Photo by Chris Condon/PGA Tour

Watch 20 seconds of Bubba Watson during competition, and you'll see a fidgety, active guy. You might not guess that he's the tour's most cold-blooded finisher. A big part of his prowess comes from a willingness to try shots other players wouldn't even pull out on a practice-round dare, such as the right-turn wedge shot in his 2012 Masters playoff win against Louis Oosthuizen. The other key element of closing in a stroke-play situation is the ability to block out the outside world. "You don't know what the guys in the group behind you are doing. It's not like you can watch TV and see what they're doing," Watson says. "You just have to keep grinding. Head-to-head, when the other player makes a mistake, you can play a little safer, play more conservative."



Photo by USGA

Jordan Spieth made a mile of crucial putts last year on his way to the best season on the PGA Tour since Tiger Woods' apex.
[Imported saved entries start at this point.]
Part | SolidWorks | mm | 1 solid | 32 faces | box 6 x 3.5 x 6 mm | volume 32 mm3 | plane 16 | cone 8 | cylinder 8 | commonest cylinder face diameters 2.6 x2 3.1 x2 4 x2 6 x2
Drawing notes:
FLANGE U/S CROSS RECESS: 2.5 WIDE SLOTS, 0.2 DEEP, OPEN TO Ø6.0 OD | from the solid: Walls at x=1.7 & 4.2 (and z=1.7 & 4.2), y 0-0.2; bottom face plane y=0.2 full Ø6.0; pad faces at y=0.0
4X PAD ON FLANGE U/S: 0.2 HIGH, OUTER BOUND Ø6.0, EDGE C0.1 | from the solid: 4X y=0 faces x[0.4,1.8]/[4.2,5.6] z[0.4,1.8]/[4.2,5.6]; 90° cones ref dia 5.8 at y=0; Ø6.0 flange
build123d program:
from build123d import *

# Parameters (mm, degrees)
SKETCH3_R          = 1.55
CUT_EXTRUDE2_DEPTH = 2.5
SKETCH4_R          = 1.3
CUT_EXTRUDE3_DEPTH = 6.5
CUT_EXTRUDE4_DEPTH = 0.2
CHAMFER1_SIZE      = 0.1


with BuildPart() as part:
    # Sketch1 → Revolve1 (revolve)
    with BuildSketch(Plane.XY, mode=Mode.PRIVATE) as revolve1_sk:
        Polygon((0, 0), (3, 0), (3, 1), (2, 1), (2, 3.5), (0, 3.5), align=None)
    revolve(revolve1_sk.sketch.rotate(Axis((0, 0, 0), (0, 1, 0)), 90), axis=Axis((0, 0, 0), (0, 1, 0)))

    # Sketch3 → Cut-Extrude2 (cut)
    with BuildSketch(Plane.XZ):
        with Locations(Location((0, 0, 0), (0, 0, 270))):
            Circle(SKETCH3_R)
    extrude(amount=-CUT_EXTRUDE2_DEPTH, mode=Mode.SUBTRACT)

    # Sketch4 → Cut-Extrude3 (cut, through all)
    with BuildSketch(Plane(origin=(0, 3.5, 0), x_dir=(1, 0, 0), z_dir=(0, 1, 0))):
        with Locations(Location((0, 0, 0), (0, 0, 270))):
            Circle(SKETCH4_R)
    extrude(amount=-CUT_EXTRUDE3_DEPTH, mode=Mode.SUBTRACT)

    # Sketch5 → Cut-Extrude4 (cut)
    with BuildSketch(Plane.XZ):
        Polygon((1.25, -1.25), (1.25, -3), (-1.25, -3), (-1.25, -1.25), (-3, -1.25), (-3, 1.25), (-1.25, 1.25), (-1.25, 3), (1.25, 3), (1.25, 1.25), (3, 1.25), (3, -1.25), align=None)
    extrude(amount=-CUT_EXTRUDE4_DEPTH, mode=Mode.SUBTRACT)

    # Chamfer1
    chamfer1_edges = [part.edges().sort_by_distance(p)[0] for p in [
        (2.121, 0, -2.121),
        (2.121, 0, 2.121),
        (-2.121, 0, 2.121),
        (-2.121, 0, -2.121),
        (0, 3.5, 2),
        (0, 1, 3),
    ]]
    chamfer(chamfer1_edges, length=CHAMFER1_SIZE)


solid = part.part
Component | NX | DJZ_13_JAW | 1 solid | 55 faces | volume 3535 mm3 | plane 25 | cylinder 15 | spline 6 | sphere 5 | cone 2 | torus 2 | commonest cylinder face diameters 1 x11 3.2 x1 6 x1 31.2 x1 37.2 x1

And it wasn't just birdies. No player saved more crucial par putts from distances of 12 feet and out. Spieth's secret is a dead-calm routine and precise distance control—things any player can learn. His favorite drill is something called Leap Frog, which he practices with coach Cameron McCormick. "Place a ball marker on the green about five feet away, on a slight downhill or sideslope," Spieth says. "The goal is to hit a putt that stops no more than six inches past that mark. But that's only half of the challenge: Practice until you can predict right after impact if you did what you were trying to do. As you get better, you can increase the distance."